I skied there in 87-88 it was pretty sweet. I think mormons owned it at the time (is that still the case?) and you couldn't get a drink on the mtn.


----------



## skiadikt (Aug 16, 2009)

another good one in the tahoe area is mt rose. some pretty serious skiing in an area called the chutes.


----------



## ta&idaho (Aug 16, 2009)

wa-loaf said:


> I skied there in 87-88 it was pretty sweet. I think mormons owned it at the time (is that still the case?) and you couldn't get a drink on the mtn.

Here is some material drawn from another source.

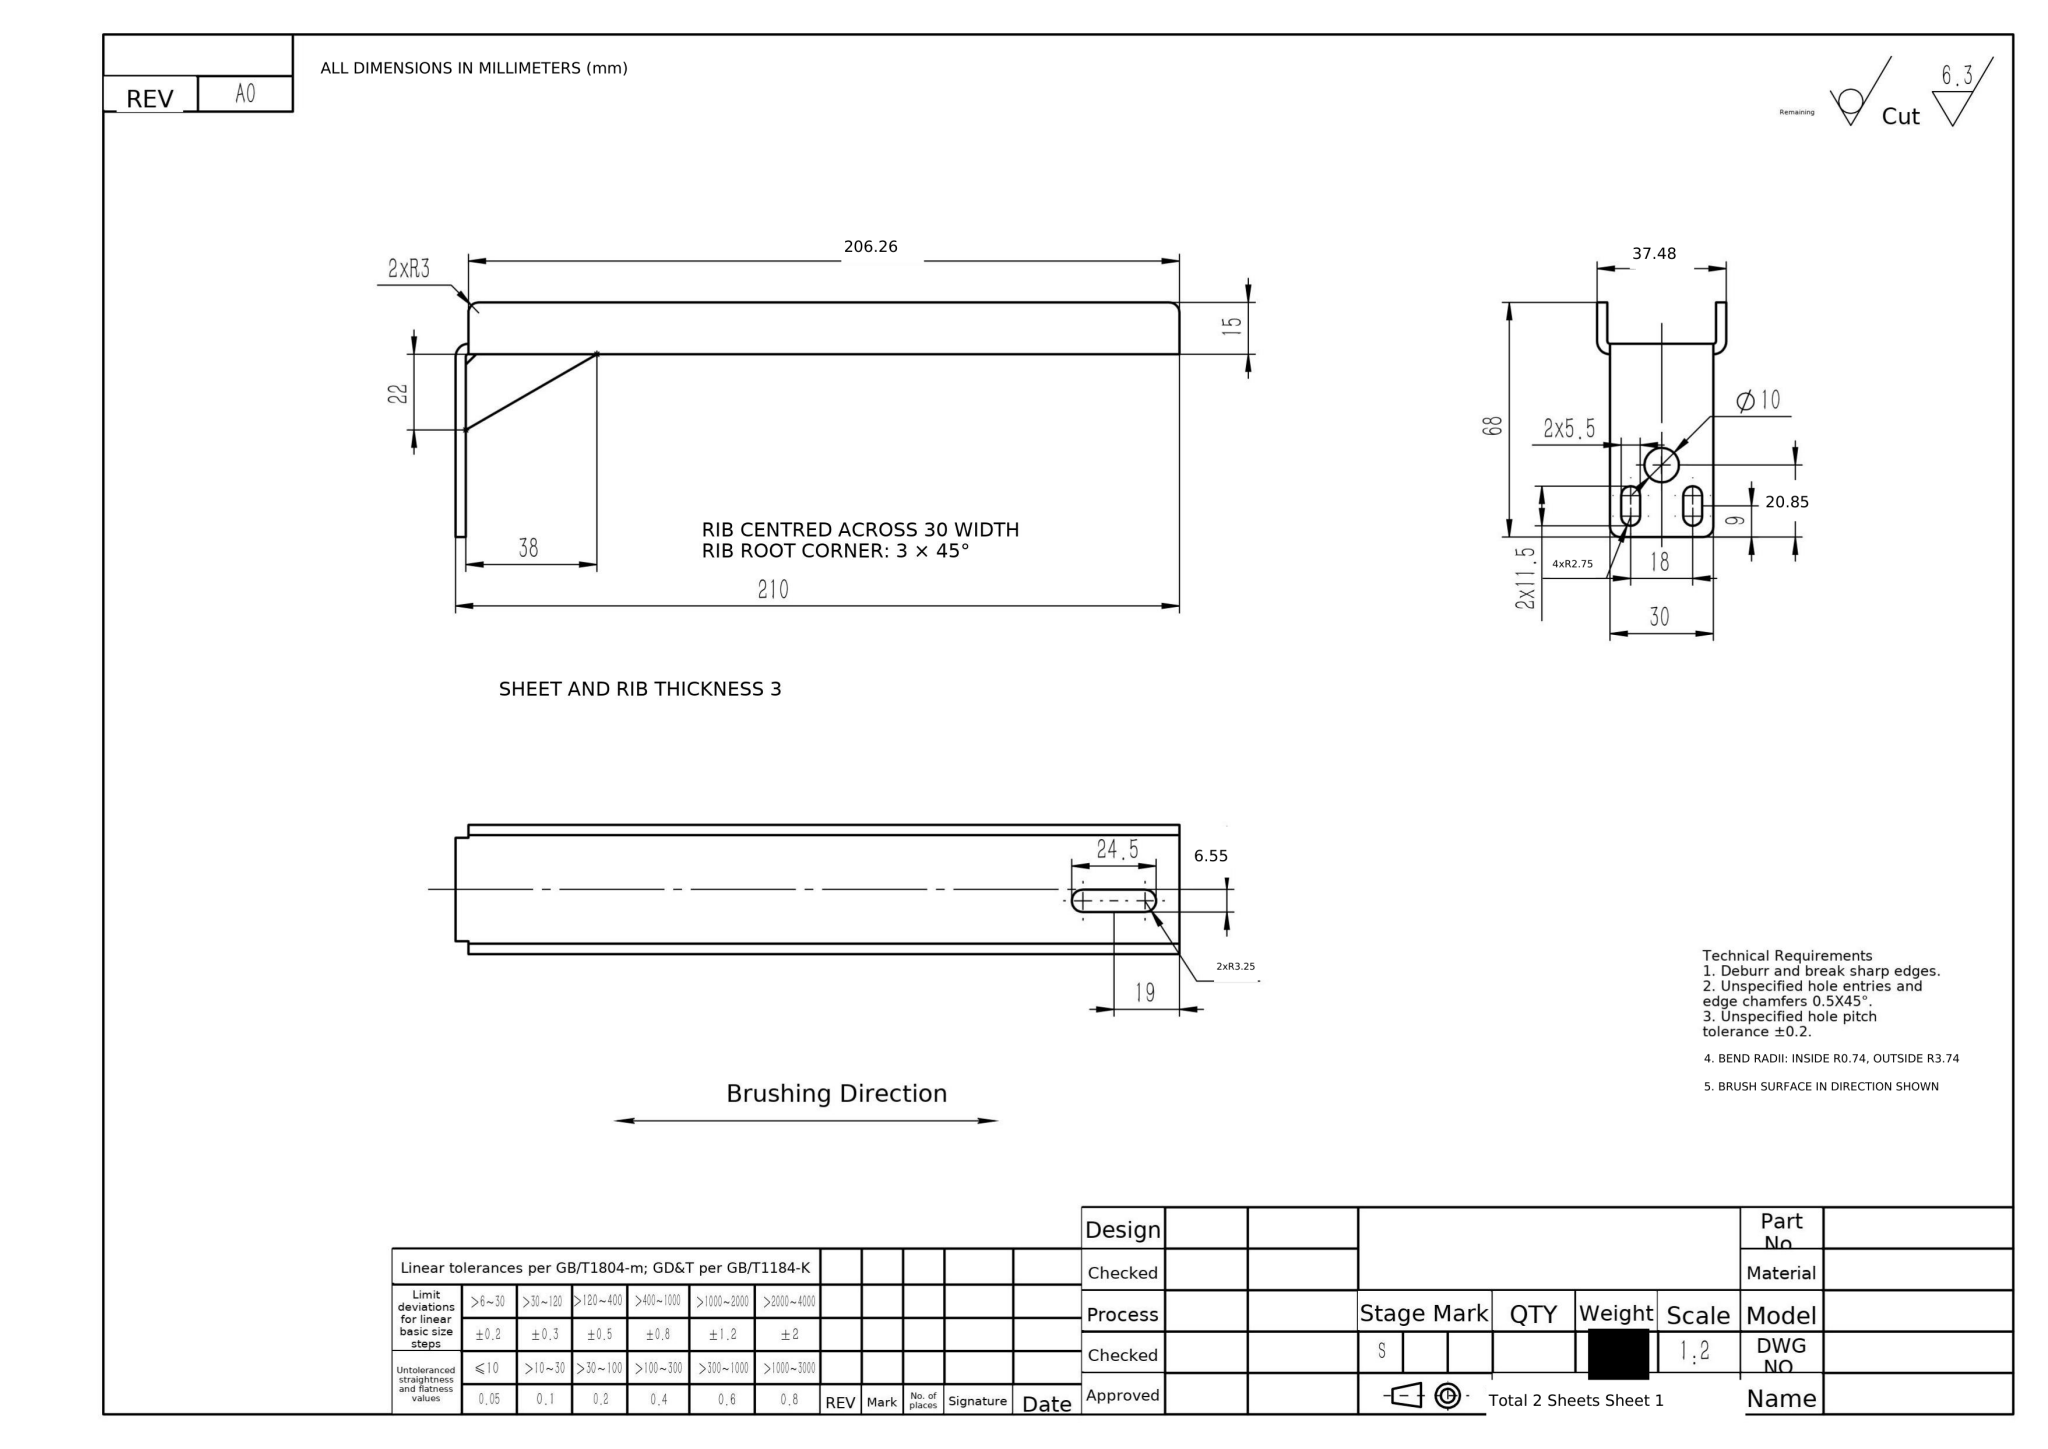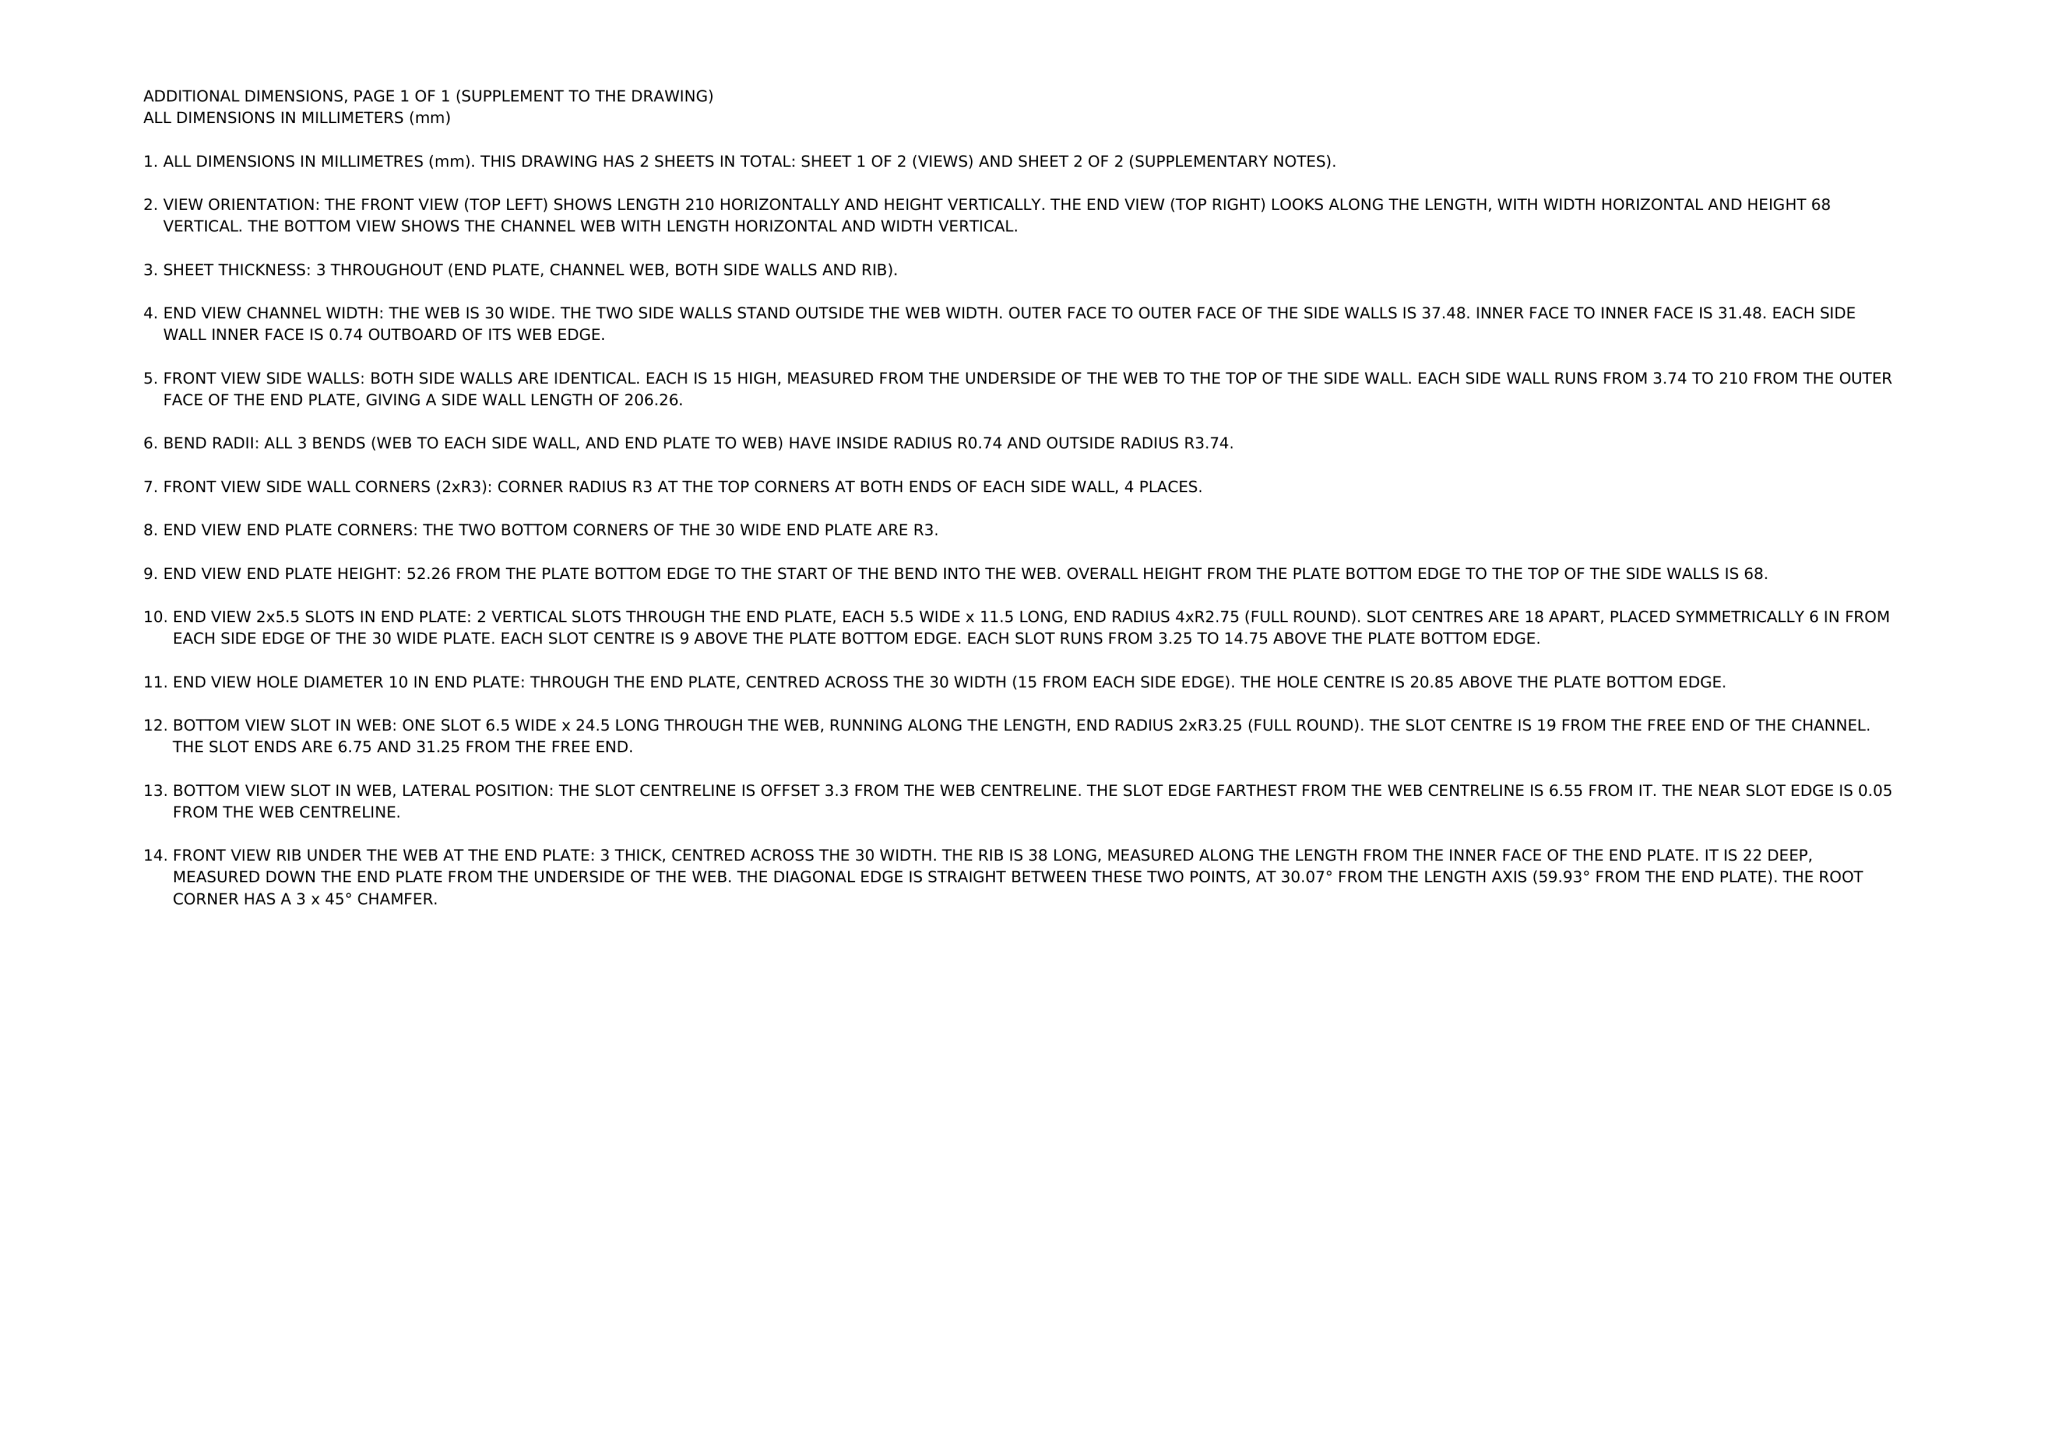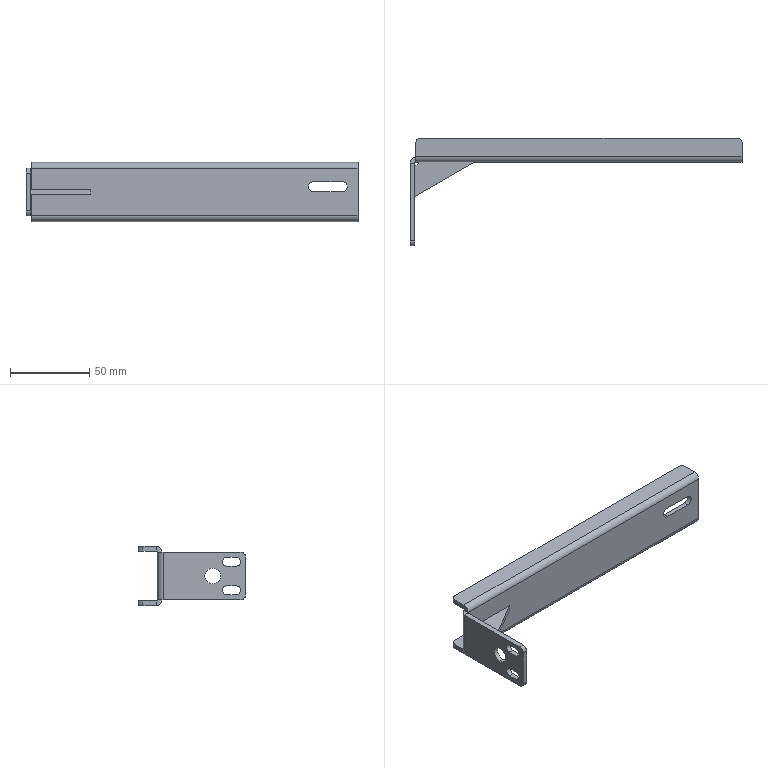Part | NX | mm | 1 solid | 54 faces | box 210 x 68 x 37.47 mm | volume 42050 mm3 | plane 34 | cylinder 20 | commonest cylinder face diameters 6 x6 5.5 x4 7.473 x3 1.473 x3 10 x2 6.5 x2

Booth Creek, who also run Northstar-at-Tahoe, Waterville Valley, and Cranmore, run Sierra now.  There's definitely plenty of drinking these days...I have far more memories of drinking beers and sitting in the sun at the base of the West Bowl area than I do of any actual skiing there.


----------



## tylerjames (Aug 16, 2009)

Cerro Mirador in southern chile gives you a view of tierra del fugeo and the straits of Magellan. cerro castor offers much better skiing though.


----------



## Trekchick (Aug 16, 2009)

GrilledSteezeSandwich said:


> My friend was telling me that the new Slushmans lift opens up a ton of terrain and makes access to the ridge even easier..


It does, but that is not necessarily a good thing.


----------



## Beetlenut (Aug 16, 2009)

_Mount Bohemia_ - Extreme Skiing - Michigan's Upper Peninsula


----------



## millerm277 (Aug 16, 2009)

I've got one: Mt. Baldy, CA. 
2300ft Vertical drop, and an *hour from downtown LA*.

http://www.tetongravity.com/forums/attachment.php?attachmentid=35370&stc=1&d=1199755516

Legitimate terrain too, served by 4 ancient double chairs (lattice towers, muller chairs I think). Snow is unreliable, but from my understanding, they just put in a major snowmaking reservoir.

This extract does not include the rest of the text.